Ihre Lippen bewegen sich, aber sie zittern nicht mehr.
»Ich gehe ... morgen ... mit meinem Kind ...«
»Ja«, antwortet der Arzt.
»Ich lasse es mir nicht nehmen«, antwortet Doris leise.
»Ich ... wünsche Ihnen viel Glück«, entgegnet Dr. Jessrich weich.
Doris gibt ihm die Hand.
»Handeln Sie schnell, Frau Steinbach!«
Er steht auf, ist in der Mitte des Raumes.
In diesem Moment fährt Frau Kempe hoch.
»Ich hab’ nicht geschlafen, Doktor ... Verdammt noch mal, ich hab’ nicht geschlafen! ... Das ist ja ... sagen Sie ... dafür kämpfen wir ... mein Mann? Daß man mit seinem eigenen 226
Kinde fliehen muß?«
Der Arzt nickt.
Und in dieser Sekunde erkennen drei Menschen klar und endgültig, daß das System keine Politik, sondern ein Verbrechen ist.
Frau Kempe steht auf, setzt sich zu Doris ans Bett.
»Ich helfe Ihnen«, sagt sie, »das ist klar.«
Die letzte Stunde verrinnt wie im Fieber. Doris wartet bis zum Mittag. Um ein Uhr gehen die Schwestern essen. Frau Kempe hat sich einen Liegestuhl in den Garten stellen lassen. Sie schläft nicht, sie beobachtet. Doris zieht sich unbemerkt an. Ein paarmal stützt sie sich gegen den Schrank. Sie ist doch noch schwächer, als sie annahm. Sie spürt ihr Gewicht in den Knien. Die Narbe zieht. Aber was ist dieser Schmerz, gemessen an Angst, Sehnsucht und Hoffnung?
Um neun Uhr morgens brachte man ihr Klaus. Sie flüsterte tausend Worte in sein Ohr, die er quietschend verstand. Es war eine Verschwörung.
»Weißt du«, hatte die junge Mutter gesagt, »heute machen wir unseren ersten, gemeinsamen Streich ... wir laufen einfach weg ...«
Doris weinte, als man das Kind zurückbrachte. Sie mußte sich abwenden. So bemerkte sie das verstörte Gesicht der Schwester nicht.
Jetzt sieht Doris auf die Uhr, übt Schritte, ist entschlossen, ihre Sachen hierzulassen. Sie muß den Kleinen tragen. Nur das Nötigste mitnehmen. Wenn Klaus das wüßte, überlegt sie, ich werde ihm gleich telegrafieren, wenn alles gelungen ist. Fünf Minuten nach ein Uhr geht Doris über den Korridor. Der Gong rief zum Mittagessen. Sie zwingt ihre Beine, auch wenn der Flur uferlos erscheint. Sie kennt den Weg, das Kinderzimmer, das Bettchen, den Jungen. Unter Tausenden 227
würde sie ihn auf den ersten Blick finden ... Sieben Minuten nach ein Uhr gellt ein unheimlicher Schrei durch das Haus, reißt die Patienten aus den Liegestühlen, läßt die Schwestern vom Mittagstisch auffahren.

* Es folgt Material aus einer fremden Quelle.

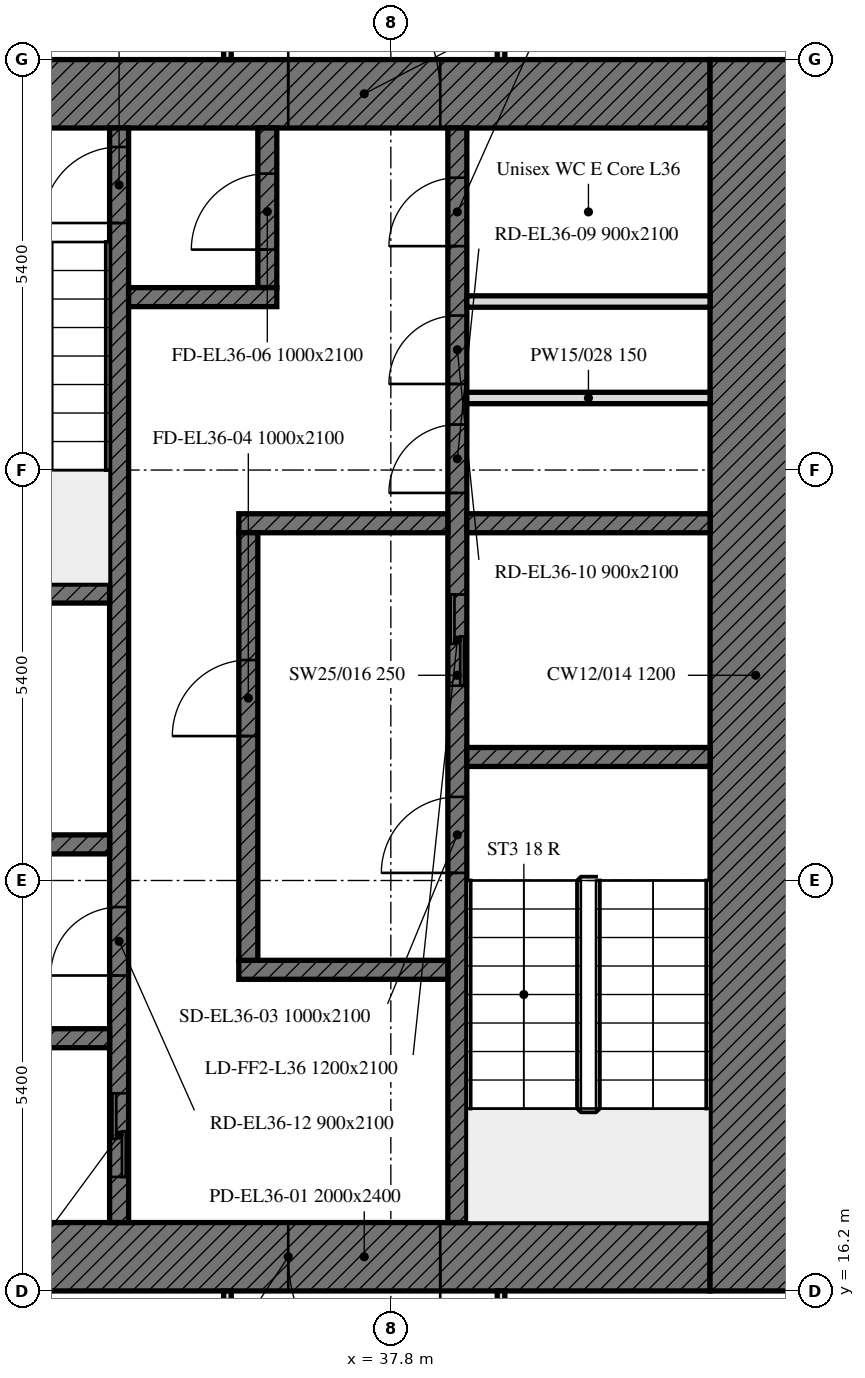
"""IFC4 building model, lengths in metres.
Left out: names, types, materials, properties, quantities, classifications, styles, units other than length and angle.
Written with IfcOpenShell. Run it as: python <this file> out.ifc"""

import sys

from ifc_helpers import new_model, si_unit, direction, frame, frame_2d, origin, place, context, subcontext, project, spatial, rectangle, extrude, element, fill, save


model = new_model("IFC4")
c1 = context("Model", 3, precision=1e-05, world=origin(), true_north=direction((0.0, 1.0)))
c2 = subcontext(c1, "Body", "Model", "MODEL_VIEW")
j1 = project(units=[si_unit("LENGTHUNIT", "METRE"), si_unit("PLANEANGLEUNIT", "RADIAN")], contexts=[c1])
p1 = place(None, origin())
s1 = spatial("IfcSite", under=j1, at=p1, CompositionType="ELEMENT")
p2 = place(p1, origin())
s2 = spatial("IfcBuilding", under=s1, at=p2, CompositionType="ELEMENT")
p3 = place(p2, frame((0.0, 0.0, 156.1)))
s3 = spatial("IfcBuildingStorey", under=s2, at=p3, CompositionType="ELEMENT", Elevation=156.1)
p4 = place(p3, frame((42.0, 16.65, 0.0), z_axis=(0.0, 0.0, 1.0), x_axis=(-1.0, 0.0, 0.0)))
e1 = element("IfcWall", 1, at=p4, inside=s3, PredefinedType="SOLIDWALL", context=c2, shape_type="SweptSolid", body=[
    extrude(rectangle(XDim=11.1, YDim=0.9, at=frame_2d((5.55, 0.0))), origin(), (0.0, 0.0, 1.0), 3.0),
])
p5 = place(p4, frame((3.55, 0.0, 0.0)))
e2 = element("IfcOpeningElement", 2, at=p5, cuts=e1, PredefinedType="OPENING", context=c2, shape_type="SweptSolid", body=[
    extrude(rectangle(XDim=2.0, YDim=2.4, at=frame_2d((1.0, 1.2))), frame((0.0, 0.45, 0.0), z_axis=(0.0, -1.0, 0.0), x_axis=(1.0, 0.0, 0.0)), (0.0, 0.0, 1.0), 0.9),
])
p6 = place(p3, frame((30.9, 31.95, 0.0), z_axis=(0.0, 0.0, 1.0), x_axis=(1.0, 0.0, 0.0)))
e3 = element("IfcWall", 3, at=p6, inside=s3, PredefinedType="SOLIDWALL", context=c2, shape_type="SweptSolid", body=[
    extrude(rectangle(XDim=11.1, YDim=0.9, at=frame_2d((5.55, 0.0))), origin(), (0.0, 0.0, 1.0), 3.0),
])
p7 = place(p6, frame((5.55, 0.0, 0.0)))
e4 = element("IfcOpeningElement", 4, at=p7, cuts=e3, PredefinedType="OPENING", context=c2, shape_type="SweptSolid", body=[
    extrude(rectangle(XDim=2.0, YDim=2.4, at=frame_2d((1.0, 1.2))), frame((0.0, 0.45, 0.0), z_axis=(0.0, -1.0, 0.0), x_axis=(1.0, 0.0, 0.0)), (0.0, 0.0, 1.0), 0.9),
])
p8 = place(p3, frame((42.6, 32.4, 0.0), z_axis=(0.0, 0.0, 1.0), x_axis=(0.0, -1.0, 0.0)))
e5 = element("IfcWall", 5, at=p8, inside=s3, PredefinedType="SOLIDWALL", context=c2, shape_type="SweptSolid", body=[
    extrude(rectangle(XDim=16.2, YDim=1.2, at=frame_2d((8.1, 0.0))), origin(), (0.0, 0.0, 1.0), 3.0),
])
p9 = place(p3, frame((38.675, 17.1, 0.0), z_axis=(0.0, 0.0, 1.0), x_axis=(0.0, 1.0, 0.0)))
e6 = element("IfcWall", 6, at=p9, inside=s3, PredefinedType="SOLIDWALL", context=c2, shape_type="SweptSolid", body=[
    extrude(rectangle(XDim=14.4, YDim=0.25, at=frame_2d((7.2, 0.0))), origin(), (0.0, 0.0, 1.0), 3.0),
])
p10 = place(p9, frame((4.6, 0.0, 0.0)))
e7 = element("IfcOpeningElement", 7, at=p10, cuts=e6, PredefinedType="OPENING", context=c2, shape_type="SweptSolid", body=[
    extrude(rectangle(XDim=1.0, YDim=2.1, at=frame_2d((0.5, 1.05))), frame((0.0, 0.125, 0.0), z_axis=(0.0, -1.0, 0.0), x_axis=(1.0, 0.0, 0.0)), (0.0, 0.0, 1.0), 0.25),
])
p11 = place(p9, frame((7.062, 0.0, 0.0)))
e8 = element("IfcOpeningElement", 8, at=p11, cuts=e6, PredefinedType="OPENING", context=c2, shape_type="SweptSolid", body=[
    extrude(rectangle(XDim=1.2, YDim=2.1, at=frame_2d((0.6, 1.05))), frame((0.0, 0.125, 0.0), z_axis=(0.0, -1.0, 0.0), x_axis=(1.0, 0.0, 0.0)), (0.0, 0.0, 1.0), 0.25),
])
p12 = place(p9, frame((9.599, 0.0, 0.0)))
e9 = element("IfcOpeningElement", 9, at=p12, cuts=e6, PredefinedType="OPENING", context=c2, shape_type="SweptSolid", body=[
    extrude(rectangle(XDim=0.9, YDim=2.1, at=frame_2d((0.45, 1.05))), frame((0.0, 0.125, 0.0), z_axis=(0.0, -1.0, 0.0), x_axis=(1.0, 0.0, 0.0)), (0.0, 0.0, 1.0), 0.25),
])
p13 = place(p9, frame((11.032, 0.0, 0.0)))
e10 = element("IfcOpeningElement", 10, at=p13, cuts=e6, PredefinedType="OPENING", context=c2, shape_type="SweptSolid", body=[
    extrude(rectangle(XDim=0.9, YDim=2.1, at=frame_2d((0.45, 1.05))), frame((0.0, 0.125, 0.0), z_axis=(0.0, -1.0, 0.0), x_axis=(1.0, 0.0, 0.0)), (0.0, 0.0, 1.0), 0.25),
])
p14 = place(p9, frame((12.846, 0.0, 0.0)))
e11 = element("IfcOpeningElement", 11, at=p14, cuts=e6, PredefinedType="OPENING", context=c2, shape_type="SweptSolid", body=[
    extrude(rectangle(XDim=0.9, YDim=2.1, at=frame_2d((0.45, 1.05))), frame((0.0, 0.125, 0.0), z_axis=(0.0, -1.0, 0.0), x_axis=(1.0, 0.0, 0.0)), (0.0, 0.0, 1.0), 0.25),
])
p15 = place(p3, frame((34.225, 17.1, 0.0), z_axis=(0.0, 0.0, 1.0), x_axis=(0.0, 1.0, 0.0)))
e12 = element("IfcWall", 12, at=p15, inside=s3, PredefinedType="SOLIDWALL", context=c2, shape_type="SweptSolid", body=[
    extrude(rectangle(XDim=14.4, YDim=0.25, at=frame_2d((7.2, 0.0))), origin(), (0.0, 0.0, 1.0), 3.0),
])
p16 = place(p15, frame((13.15, 0.0, 0.0)))
e13 = element("IfcOpeningElement", 13, at=p16, cuts=e12, PredefinedType="OPENING", context=c2, shape_type="SweptSolid", body=[
    extrude(rectangle(XDim=1.0, YDim=2.1, at=frame_2d((0.5, 1.05))), frame((0.0, 0.125, 0.0), z_axis=(0.0, -1.0, 0.0), x_axis=(1.0, 0.0, 0.0)), (0.0, 0.0, 1.0), 0.25),
])
p17 = place(p15, frame((0.6, 0.0, 0.0)))
e14 = element("IfcOpeningElement", 14, at=p17, cuts=e12, PredefinedType="OPENING", context=c2, shape_type="SweptSolid", body=[
    extrude(rectangle(XDim=1.1, YDim=2.1, at=frame_2d((0.55, 1.05))), frame((0.0, 0.125, 0.0), z_axis=(0.0, -1.0, 0.0), x_axis=(1.0, 0.0, 0.0)), (0.0, 0.0, 1.0), 0.25),
])
p18 = place(p15, frame((3.25, 0.0, 0.0)))
e15 = element("IfcOpeningElement", 15, at=p18, cuts=e12, PredefinedType="OPENING", context=c2, shape_type="SweptSolid", body=[
    extrude(rectangle(XDim=0.9, YDim=2.1, at=frame_2d((0.45, 1.05))), frame((0.0, 0.125, 0.0), z_axis=(0.0, -1.0, 0.0), x_axis=(1.0, 0.0, 0.0)), (0.0, 0.0, 1.0), 0.25),
])
p19 = place(p3, frame((38.8, 23.225, 0.0), z_axis=(0.0, 0.0, 1.0), x_axis=(1.0, 0.0, 0.0)))
e16 = element("IfcWall", 16, at=p19, inside=s3, PredefinedType="SOLIDWALL", context=c2, shape_type="SweptSolid", body=[
    extrude(rectangle(XDim=3.2, YDim=0.25, at=frame_2d((1.6, 0.0))), origin(), (0.0, 0.0, 1.0), 3.0),
])
for number, where, z_axis, x_axis in (
    (17, (30.9, 25.375, 0.0), (0.0, 0.0, 1.0), (1.0, 0.0, 0.0)),
    (18, (30.9, 22.075, 0.0), (0.0, 0.0, 1.0), (1.0, 0.0, 0.0)),
):
    element("IfcWall", number, at=place(p3, frame(where, z_axis=z_axis, x_axis=x_axis)), inside=s3, PredefinedType="SOLIDWALL", context=c2, shape_type="SweptSolid", body=[
        extrude(rectangle(XDim=3.2, YDim=0.25, at=frame_2d((1.6, 0.0))), origin(), (0.0, 0.0, 1.0), 3.0),
    ])
p20 = place(p3, frame((38.8, 26.3, 0.0), z_axis=(0.0, 0.0, 1.0), x_axis=(1.0, 0.0, 0.0)))
e19 = element("IfcWall", 19, at=p20, inside=s3, PredefinedType="SOLIDWALL", context=c2, shape_type="SweptSolid", body=[
    extrude(rectangle(XDim=3.2, YDim=0.25, at=frame_2d((1.6, 0.0))), origin(), (0.0, 0.0, 1.0), 3.0),
])
for number, where, z_axis, x_axis in (
    (20, (35.8, 26.3, 0.0), (0.0, 0.0, 1.0), (1.0, 0.0, 0.0)),
    (21, (35.8, 20.425, 0.0), (0.0, 0.0, 1.0), (1.0, 0.0, 0.0)),
):
    element("IfcWall", number, at=place(p3, frame(where, z_axis=z_axis, x_axis=x_axis)), inside=s3, PredefinedType="SOLIDWALL", context=c2, shape_type="SweptSolid", body=[
        extrude(rectangle(XDim=2.75, YDim=0.25, at=frame_2d((1.375, 0.0))), origin(), (0.0, 0.0, 1.0), 3.0),
    ])
p21 = place(p3, frame((36.175, 29.4, 0.0), z_axis=(0.0, 0.0, 1.0), x_axis=(0.0, 1.0, 0.0)))
e22 = element("IfcWall", 22, at=p21, inside=s3, PredefinedType="SOLIDWALL", context=c2, shape_type="SweptSolid", body=[
    extrude(rectangle(XDim=2.1, YDim=0.25, at=frame_2d((1.05, 0.0))), origin(), (0.0, 0.0, 1.0), 3.0),
])
p22 = place(p21, frame((0.5, 0.0, 0.0)))
e23 = element("IfcOpeningElement", 23, at=p22, cuts=e22, PredefinedType="OPENING", context=c2, shape_type="SweptSolid", body=[
    extrude(rectangle(XDim=1.0, YDim=2.1, at=frame_2d((0.5, 1.05))), frame((0.0, 0.125, 0.0), z_axis=(0.0, -1.0, 0.0), x_axis=(1.0, 0.0, 0.0)), (0.0, 0.0, 1.0), 0.25),
])
p23 = place(p3, frame((34.35, 29.275, 0.0), z_axis=(0.0, 0.0, 1.0), x_axis=(1.0, 0.0, 0.0)))
e24 = element("IfcWall", 24, at=p23, inside=s3, PredefinedType="SOLIDWALL", context=c2, shape_type="SweptSolid", body=[
    extrude(rectangle(XDim=1.95, YDim=0.25, at=frame_2d((0.975, 0.0))), origin(), (0.0, 0.0, 1.0), 3.0),
])
p24 = place(p3, frame((35.925, 20.55, 0.0), z_axis=(0.0, 0.0, 1.0), x_axis=(0.0, 1.0, 0.0)))
e25 = element("IfcWall", 25, at=p24, inside=s3, PredefinedType="SOLIDWALL", context=c2, shape_type="SweptSolid", body=[
    extrude(rectangle(XDim=5.625, YDim=0.25, at=frame_2d((2.812, 0.0))), origin(), (0.0, 0.0, 1.0), 3.0),
])
p25 = place(p24, frame((2.95, 0.0, 0.0)))
e26 = element("IfcOpeningElement", 26, at=p25, cuts=e25, PredefinedType="OPENING", context=c2, shape_type="SweptSolid", body=[
    extrude(rectangle(XDim=1.0, YDim=2.1, at=frame_2d((0.5, 1.05))), frame((0.0, 0.125, 0.0), z_axis=(0.0, -1.0, 0.0), x_axis=(1.0, 0.0, 0.0)), (0.0, 0.0, 1.0), 0.25),
])
p26 = place(p3, frame((30.9, 19.525, 0.0), z_axis=(0.0, 0.0, 1.0), x_axis=(1.0, 0.0, 0.0)))
e27 = element("IfcWall", 27, at=p26, inside=s3, PredefinedType="SOLIDWALL", context=c2, shape_type="SweptSolid", body=[
    extrude(rectangle(XDim=3.2, YDim=0.25, at=frame_2d((1.6, 0.0))), origin(), (0.0, 0.0, 1.0), 3.0),
])
for number, where, z_axis, x_axis in (
    (28, (38.8, 27.948, 0.0), (0.0, 0.0, 1.0), (1.0, 0.0, 0.0)),
    (29, (38.8, 29.217, 0.0), (0.0, 0.0, 1.0), (1.0, 0.0, 0.0)),
):
    element("IfcWall", number, at=place(p3, frame(where, z_axis=z_axis, x_axis=x_axis)), inside=s3, PredefinedType="PARTITIONING", context=c2, shape_type="SweptSolid", body=[
        extrude(rectangle(XDim=3.2, YDim=0.15, at=frame_2d((1.6, 0.0))), origin(), (0.0, 0.0, 1.0), 3.0),
    ])
for number, where, z_axis, x_axis in (
    (30, (35.65, 35.025, 0.0), (0.0, 0.0, 1.0), (0.0, -1.0, 0.0)),
    (31, (39.25, 32.4, 0.0), (0.0, 0.0, 1.0), (0.0, 1.0, 0.0)),
):
    element("IfcWall", number, at=place(p3, frame(where, z_axis=z_axis, x_axis=x_axis)), inside=s3, PredefinedType="PARTITIONING", context=c2, shape_type="SweptSolid", body=[
        extrude(rectangle(XDim=2.625, YDim=0.1, at=frame_2d((1.312, 0.0))), origin(), (0.0, 0.0, 1.0), 3.0),
    ])
for number, where, z_axis, x_axis in (
    (32, (35.65, 16.2, 0.0), (0.0, 0.0, 1.0), (0.0, -1.0, 0.0)),
    (33, (39.25, 9.075, 0.0), (0.0, 0.0, 1.0), (0.0, 1.0, 0.0)),
):
    element("IfcWall", number, at=place(p3, frame(where, z_axis=z_axis, x_axis=x_axis)), inside=s3, PredefinedType="PARTITIONING", context=c2, shape_type="SweptSolid", body=[
        extrude(rectangle(XDim=7.125, YDim=0.1, at=frame_2d((3.562, 0.0))), origin(), (0.0, 0.0, 1.0), 2.4),
    ])
p27 = place(p5, origin())
e34 = element("IfcDoor", 34, at=p27, inside=s3, OperationType="DOUBLE_DOOR_SINGLE_SWING", PredefinedType="DOOR", context=c2, shape_type="SweptSolid", body=[
    extrude(rectangle(XDim=2.0, YDim=2.4, at=frame_2d((1.0, 1.2))), frame((0.0, 0.025, 0.0), z_axis=(0.0, -1.0, 0.0), x_axis=(1.0, 0.0, 0.0)), (0.0, 0.0, 1.0), 0.05),
])
fill(e2, e34)
p28 = place(p7, origin())
e35 = element("IfcDoor", 35, at=p28, inside=s3, OperationType="DOUBLE_DOOR_SINGLE_SWING", PredefinedType="DOOR", context=c2, shape_type="SweptSolid", body=[
    extrude(rectangle(XDim=2.0, YDim=2.4, at=frame_2d((1.0, 1.2))), frame((0.0, 0.025, 0.0), z_axis=(0.0, -1.0, 0.0), x_axis=(1.0, 0.0, 0.0)), (0.0, 0.0, 1.0), 0.05),
])
fill(e4, e35)
p29 = place(p10, origin())
e36 = element("IfcDoor", 36, at=p29, inside=s3, OperationType="SINGLE_SWING_LEFT", PredefinedType="DOOR", context=c2, shape_type="SweptSolid", body=[
    extrude(rectangle(XDim=1.0, YDim=2.1, at=frame_2d((0.5, 1.05))), frame((0.0, 0.025, 0.0), z_axis=(0.0, -1.0, 0.0), x_axis=(1.0, 0.0, 0.0)), (0.0, 0.0, 1.0), 0.05),
])
fill(e7, e36)
p30 = place(p25, origin())
e37 = element("IfcDoor", 37, at=p30, inside=s3, OperationType="SINGLE_SWING_LEFT", PredefinedType="DOOR", context=c2, shape_type="SweptSolid", body=[
    extrude(rectangle(XDim=1.0, YDim=2.1, at=frame_2d((0.5, 1.05))), frame((0.0, 0.025, 0.0), z_axis=(0.0, -1.0, 0.0), x_axis=(1.0, 0.0, 0.0)), (0.0, 0.0, 1.0), 0.05),
])
fill(e26, e37)
p31 = place(p16, origin())
e38 = element("IfcDoor", 38, at=p31, inside=s3, OperationType="SINGLE_SWING_LEFT", PredefinedType="DOOR", context=c2, shape_type="SweptSolid", body=[
    extrude(rectangle(XDim=1.0, YDim=2.1, at=frame_2d((0.5, 1.05))), frame((0.0, 0.025, 0.0), z_axis=(0.0, -1.0, 0.0), x_axis=(1.0, 0.0, 0.0)), (0.0, 0.0, 1.0), 0.05),
])
fill(e13, e38)
p32 = place(p22, origin())
e39 = element("IfcDoor", 39, at=p32, inside=s3, OperationType="SINGLE_SWING_LEFT", PredefinedType="DOOR", context=c2, shape_type="SweptSolid", body=[
    extrude(rectangle(XDim=1.0, YDim=2.1, at=frame_2d((0.5, 1.05))), frame((0.0, 0.025, 0.0), z_axis=(0.0, -1.0, 0.0), x_axis=(1.0, 0.0, 0.0)), (0.0, 0.0, 1.0), 0.05),
])
fill(e23, e39)
p33 = place(p11, origin())
e40 = element("IfcDoor", 40, at=p33, inside=s3, OperationType="DOUBLE_DOOR_SLIDING", PredefinedType="DOOR", context=c2, shape_type="SweptSolid", body=[
    extrude(rectangle(XDim=1.2, YDim=2.1, at=frame_2d((0.6, 1.05))), frame((0.0, 0.025, 0.0), z_axis=(0.0, -1.0, 0.0), x_axis=(1.0, 0.0, 0.0)), (0.0, 0.0, 1.0), 0.05),
])
fill(e8, e40)
p34 = place(p17, origin())
e41 = element("IfcDoor", 41, at=p34, inside=s3, OperationType="DOUBLE_DOOR_SLIDING", PredefinedType="DOOR", context=c2, shape_type="SweptSolid", body=[
    extrude(rectangle(XDim=1.1, YDim=2.1, at=frame_2d((0.55, 1.05))), frame((0.0, 0.025, 0.0), z_axis=(0.0, -1.0, 0.0), x_axis=(1.0, 0.0, 0.0)), (0.0, 0.0, 1.0), 0.05),
])
fill(e14, e41)
p35 = place(p12, origin())
e42 = element("IfcDoor", 42, at=p35, inside=s3, OperationType="SINGLE_SWING_LEFT", PredefinedType="DOOR", context=c2, shape_type="SweptSolid", body=[
    extrude(rectangle(XDim=0.9, YDim=2.1, at=frame_2d((0.45, 1.05))), frame((0.0, 0.025, 0.0), z_axis=(0.0, -1.0, 0.0), x_axis=(1.0, 0.0, 0.0)), (0.0, 0.0, 1.0), 0.05),
])
fill(e9, e42)
p36 = place(p13, origin())
e43 = element("IfcDoor", 43, at=p36, inside=s3, OperationType="SINGLE_SWING_LEFT", PredefinedType="DOOR", context=c2, shape_type="SweptSolid", body=[
    extrude(rectangle(XDim=0.9, YDim=2.1, at=frame_2d((0.45, 1.05))), frame((0.0, 0.025, 0.0), z_axis=(0.0, -1.0, 0.0), x_axis=(1.0, 0.0, 0.0)), (0.0, 0.0, 1.0), 0.05),
])
fill(e10, e43)
p37 = place(p14, origin())
e44 = element("IfcDoor", 44, at=p37, inside=s3, OperationType="SINGLE_SWING_LEFT", PredefinedType="DOOR", context=c2, shape_type="SweptSolid", body=[
    extrude(rectangle(XDim=0.9, YDim=2.1, at=frame_2d((0.45, 1.05))), frame((0.0, 0.025, 0.0), z_axis=(0.0, -1.0, 0.0), x_axis=(1.0, 0.0, 0.0)), (0.0, 0.0, 1.0), 0.05),
])
fill(e11, e44)
p38 = place(p18, origin())
e45 = element("IfcDoor", 45, at=p38, inside=s3, OperationType="SINGLE_SWING_LEFT", PredefinedType="DOOR", context=c2, shape_type="SweptSolid", body=[
    extrude(rectangle(XDim=0.9, YDim=2.1, at=frame_2d((0.45, 1.05))), frame((0.0, 0.025, 0.0), z_axis=(0.0, -1.0, 0.0), x_axis=(1.0, 0.0, 0.0)), (0.0, 0.0, 1.0), 0.05),
])
fill(e15, e45)
save(model, sys.argv[1])

So finden sie Doris, zusammengebrochen vor dem Bett ihres Kindes, vor der einzigen leeren Wiege des Hauses. An der Schwester, die sie aufrichten will, krallt sie sich fest. Ihr Gesicht ist ein einziges, zuckendes Entsetzen. Doris spricht wie im Fieber, flüsternd, schreiend, immer das gleiche:
»Wo ist mein Kind ... Wo ist es? ... Sagen Sie es! Ihr habt mir mein Kind genommen ... Wo ist mein Kind? ...«
Der Zusammenbruch gibt Doris Kräfte, die sie nicht kennt, die sie nie besaß.
»Wo ist mein Kind?« schreit sie.
Die Schwestern starren auf den Boden. Die Oberin fuchtelt mit den Armen.
»Aber, nun beruhigen Sie sich doch ... wird sich ja alles finden ...«, tröstet sie schwächlich.
Doris schluckt. Wieder gleiten ihre Augen über die kleinen Betten, von denen nur eins leer ist.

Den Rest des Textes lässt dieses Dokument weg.